---
meta-title: EMBL-EBI Style Lab
title: EMBL-EBI Core Content Specification
cta: Distilling the purpose of your content ecosystem and tracking its effectiveness.
filter-nav: false
filter-dropdowns: false
pagetype: meta-pattern
layout: static
location: /general/core-content-spec
---
{{#markdown}}
Cause and effect. We write text and create page layotus to make things happen: download a PDF, submit data or to get the use to think of EMBL-EBI as great place.
### Why
The Core Content Specification is a method we utilise to:
1. Make a statement of what we seek to achieve
2. Document the thinking and actors involved
3. Track success
### When
Use this method on a series of web pages or ecosystem. This is primairly web-focused, but the methods can be adapted to print documents.
For example a service might have a few Core Content Specifications:
1. The homepage
- A top layer model about how a user engages into the rest of the site.
2. An application side
- How users submit a query, view results, download data, etc.
3. An "About" section
- How users learn about the service, view news, engage with social media.
### How
The tool we use to make our Core Content Specificacations is currently a document template (more on that below) that asks about our goals from different — but interconected — angles:
- Mission
- URLs
- Goals
- Target audience
- Content
- Inward and outward paths
### Getting started
#### 1. Help and guidance
This is a fairly new and evolving process. We'd love to hear how you've utlised it, and we're happy to help you get started: [khawkins@ebi.ac.uk](mailto:khawkins@ebi.ac.uk)
#### 2. Use the template
You can use the below Google Doc as template and documentation for your Core Content Specifications.
Open the document below in Google Docs
### Our future plans?
Working with the Web Content Committee, Communications, Training, Web Development and other teams, this model has been evolving since the end of 2016. Here is what we have planned for the next evolution:
1. Visualise the data we've collected.
- Core Content Specifications share connections between models. We can use those connections to see a bird's eye view of pathways between models and see which ecosystems are performing as expected.

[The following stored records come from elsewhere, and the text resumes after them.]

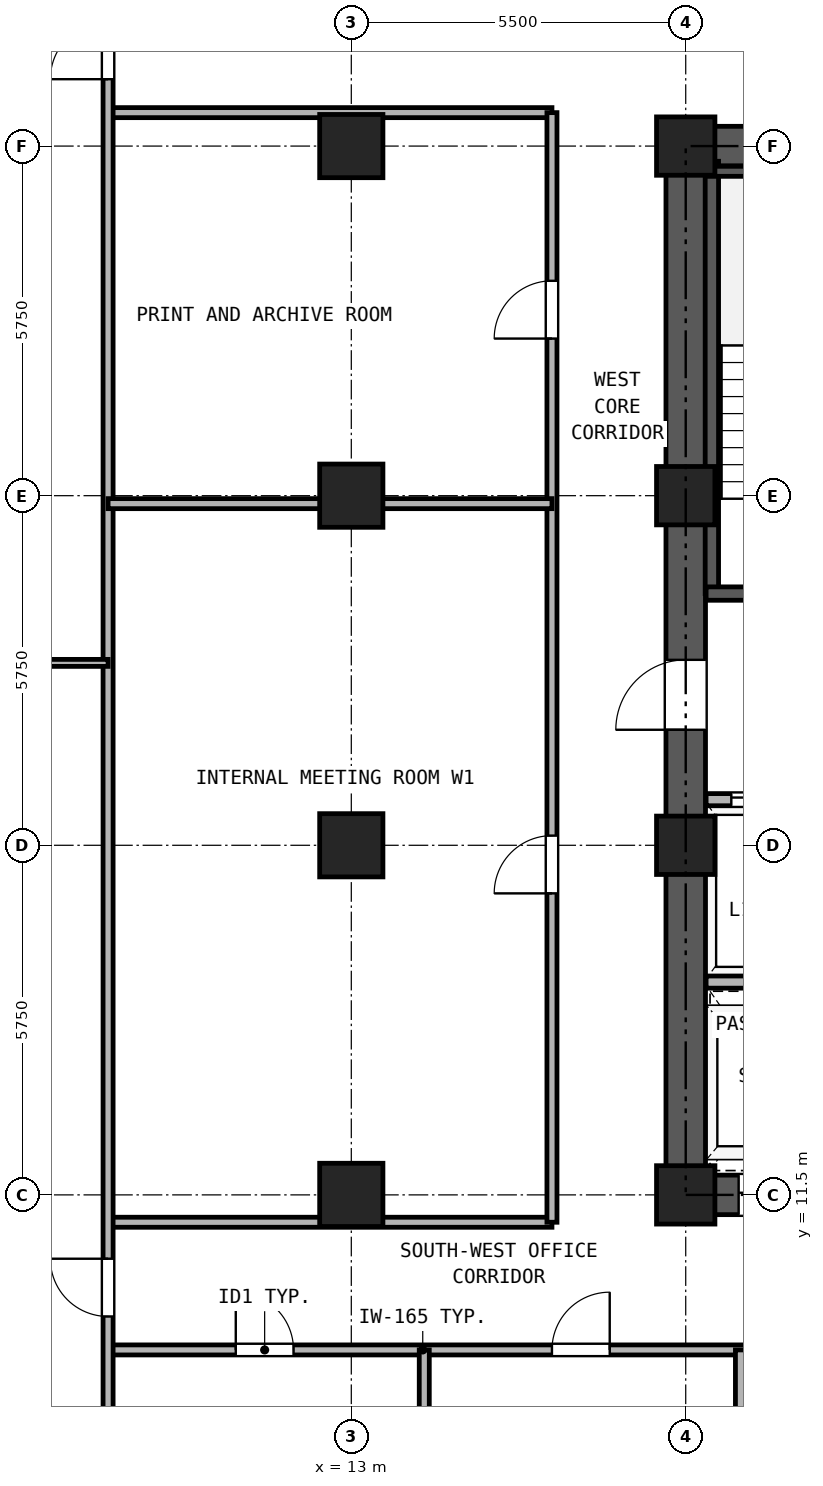
"""IFC4 building model, lengths in metres.
Left out: names, types, materials, properties, quantities, classifications, styles, units other than length and angle.
Written with IfcOpenShell. Run it as: python <this file> out.ifc"""

import sys

from ifc_helpers import new_model, si_unit, direction, frame, frame_2d, origin, origin_2d, place, context, subcontext, project, spatial, rectangle, hollow_rectangle, extrude, source, transform, mapped, element, fill, save


model = new_model("IFC4")
c1 = context("Model", 3, precision=1e-05, world=origin(), true_north=direction((0.0, 1.0)))
c2 = subcontext(c1, "Body", "Model", "MODEL_VIEW")
j1 = project(units=[si_unit("LENGTHUNIT", "METRE"), si_unit("PLANEANGLEUNIT", "RADIAN")], contexts=[c1])
p1 = place(None, origin())
s1 = spatial("IfcSite", under=j1, at=p1, CompositionType="ELEMENT")
p2 = place(p1, origin())
s2 = spatial("IfcBuilding", under=s1, at=p2, CompositionType="ELEMENT")
p3 = place(p2, frame((0.0, 0.0, 51.3)))
s3 = spatial("IfcBuildingStorey", under=s2, at=p3, CompositionType="ELEMENT", Elevation=51.3)
m1 = source(origin(), c2, "Body", "SweptSolid", [
    extrude(hollow_rectangle(XDim=1.04, YDim=1.04, WallThickness=0.065, at=origin_2d()), origin(), (0.0, 0.0, 1.0), 3.32),
])
for number, where, z_axis, x_axis in (
    (1, (13.0, 11.5, 0.0), (0.0, 0.0, 1.0), (1.0, 0.0, 0.0)),
    (2, (13.0, 17.25, 0.0), (0.0, 0.0, 1.0), (1.0, 0.0, 0.0)),
    (3, (13.0, 23.0, 0.0), (0.0, 0.0, 1.0), (1.0, 0.0, 0.0)),
    (4, (13.0, 28.75, 0.0), (0.0, 0.0, 1.0), (1.0, 0.0, 0.0)),
):
    element("IfcColumn", number, at=place(p3, frame(where, z_axis=z_axis, x_axis=x_axis)), inside=s3, PredefinedType="COLUMN", context=c2, shape_type="MappedRepresentation", body=[
        mapped(m1, transform((0.0, 0.0, 0.0), x_axis=(1.0, 0.0, 0.0), y_axis=(0.0, 1.0, 0.0), z_axis=(0.0, 0.0, 1.0), scale=1.0)),
    ])
m2 = source(origin(), c2, "Body", "SweptSolid", [
    extrude(hollow_rectangle(XDim=0.96, YDim=0.96, WallThickness=0.06, at=origin_2d()), origin(), (0.0, 0.0, 1.0), 3.32),
])
for number, where, z_axis, x_axis in (
    (5, (18.5, 11.5, 0.0), (0.0, 0.0, 1.0), (1.0, 0.0, 0.0)),
    (6, (18.5, 17.25, 0.0), (0.0, 0.0, 1.0), (1.0, 0.0, 0.0)),
    (7, (18.5, 23.0, 0.0), (0.0, 0.0, 1.0), (1.0, 0.0, 0.0)),
    (8, (18.5, 28.75, 0.0), (0.0, 0.0, 1.0), (1.0, 0.0, 0.0)),
):
    element("IfcColumn", number, at=place(p3, frame(where, z_axis=z_axis, x_axis=x_axis)), inside=s3, PredefinedType="COLUMN", context=c2, shape_type="MappedRepresentation", body=[
        mapped(m2, transform((0.0, 0.0, 0.0), x_axis=(1.0, 0.0, 0.0), y_axis=(0.0, 1.0, 0.0), z_axis=(0.0, 0.0, 1.0), scale=1.0)),
    ])
p4 = place(p3, frame((18.175, 11.5, 0.0), z_axis=(0.0, 0.0, 1.0), x_axis=(1.0, 0.0, 0.0)))
e9 = element("IfcWall", 9, at=p4, inside=s3, PredefinedType="SHEAR", context=c2, shape_type="SweptSolid", body=[
    extrude(rectangle(XDim=10.65, YDim=0.65, at=frame_2d((5.325, 0.0))), origin(), (0.0, 0.0, 1.0), 3.32),
])
p5 = place(p4, frame((1.195, 0.0, 0.0)))
e10 = element("IfcOpeningElement", 10, at=p5, cuts=e9, PredefinedType="OPENING", context=c2, shape_type="SweptSolid", body=[
    extrude(rectangle(XDim=1.1, YDim=2.25, at=frame_2d((0.55, 1.125))), frame((0.0, 0.335, 0.0), z_axis=(0.0, -1.0, 0.0), x_axis=(1.0, 0.0, 0.0)), (0.0, 0.0, 1.0), 0.67),
])
p6 = place(p4, frame((3.495, 0.0, 0.0)))
e11 = element("IfcOpeningElement", 11, at=p6, cuts=e9, PredefinedType="OPENING", context=c2, shape_type="SweptSolid", body=[
    extrude(rectangle(XDim=1.1, YDim=2.25, at=frame_2d((0.55, 1.125))), frame((0.0, 0.335, 0.0), z_axis=(0.0, -1.0, 0.0), x_axis=(1.0, 0.0, 0.0)), (0.0, 0.0, 1.0), 0.67),
])
p7 = place(p4, frame((5.925, 0.0, 0.0)))
e12 = element("IfcOpeningElement", 12, at=p7, cuts=e9, PredefinedType="OPENING", context=c2, shape_type="SweptSolid", body=[
    extrude(rectangle(XDim=1.1, YDim=2.25, at=frame_2d((0.55, 1.125))), frame((0.0, 0.335, 0.0), z_axis=(0.0, -1.0, 0.0), x_axis=(1.0, 0.0, 0.0)), (0.0, 0.0, 1.0), 0.67),
])
p8 = place(p4, frame((8.325, 0.0, 0.0)))
e13 = element("IfcOpeningElement", 13, at=p8, cuts=e9, PredefinedType="OPENING", context=c2, shape_type="SweptSolid", body=[
    extrude(rectangle(XDim=1.1, YDim=2.25, at=frame_2d((0.55, 1.125))), frame((0.0, 0.335, 0.0), z_axis=(0.0, -1.0, 0.0), x_axis=(1.0, 0.0, 0.0)), (0.0, 0.0, 1.0), 0.67),
])
p9 = place(p3, frame((18.175, 28.75, 0.0), z_axis=(0.0, 0.0, 1.0), x_axis=(1.0, 0.0, 0.0)))
e14 = element("IfcWall", 14, at=p9, inside=s3, PredefinedType="SHEAR", context=c2, shape_type="SweptSolid", body=[
    extrude(rectangle(XDim=10.65, YDim=0.65, at=frame_2d((5.325, 0.0))), origin(), (0.0, 0.0, 1.0), 3.32),
])
p10 = place(p9, frame((4.205, 0.0, 0.0)))
e15 = element("IfcOpeningElement", 15, at=p10, cuts=e14, PredefinedType="OPENING", context=c2, shape_type="SweptSolid", body=[
    extrude(rectangle(XDim=0.9, YDim=2.05, at=frame_2d((0.45, 1.025))), frame((0.0, 0.335, 0.0), z_axis=(0.0, -1.0, 0.0), x_axis=(1.0, 0.0, 0.0)), (0.0, 0.0, 1.0), 0.67),
])
p11 = place(p9, frame((5.745, 0.0, 0.0)))
e16 = element("IfcOpeningElement", 16, at=p11, cuts=e14, PredefinedType="OPENING", context=c2, shape_type="SweptSolid", body=[
    extrude(rectangle(XDim=0.9, YDim=2.05, at=frame_2d((0.45, 1.025))), frame((0.0, 0.335, 0.0), z_axis=(0.0, -1.0, 0.0), x_axis=(1.0, 0.0, 0.0)), (0.0, 0.0, 1.0), 0.67),
])
p12 = place(p3, frame((18.5, 11.825, 0.0), z_axis=(0.0, 0.0, 1.0), x_axis=(0.0, 1.0, 0.0)))
e17 = element("IfcWall", 17, at=p12, inside=s3, PredefinedType="SHEAR", context=c2, shape_type="SweptSolid", body=[
    extrude(rectangle(XDim=16.6, YDim=0.65, at=frame_2d((8.3, 0.0))), origin(), (0.0, 0.0, 1.0), 3.32),
])
p13 = place(p12, frame((7.325, 0.0, 0.0)))
e18 = element("IfcOpeningElement", 18, at=p13, cuts=e17, PredefinedType="OPENING", context=c2, shape_type="SweptSolid", body=[
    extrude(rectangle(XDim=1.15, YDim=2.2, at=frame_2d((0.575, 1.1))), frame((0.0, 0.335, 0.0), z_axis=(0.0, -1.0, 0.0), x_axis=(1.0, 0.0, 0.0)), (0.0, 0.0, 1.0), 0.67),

2. Performance measurement
- By looking at the documented content and associated goals, we can use tools like Google Analytics to measure more than time on page, and begin to measure real success.
3. A real database tool
- Many parts of the Google Doc are a relational database and as such are a poor fit to be done by hand. We could build a better system on the web, once the model has fully stabilised (we should be nearly stable).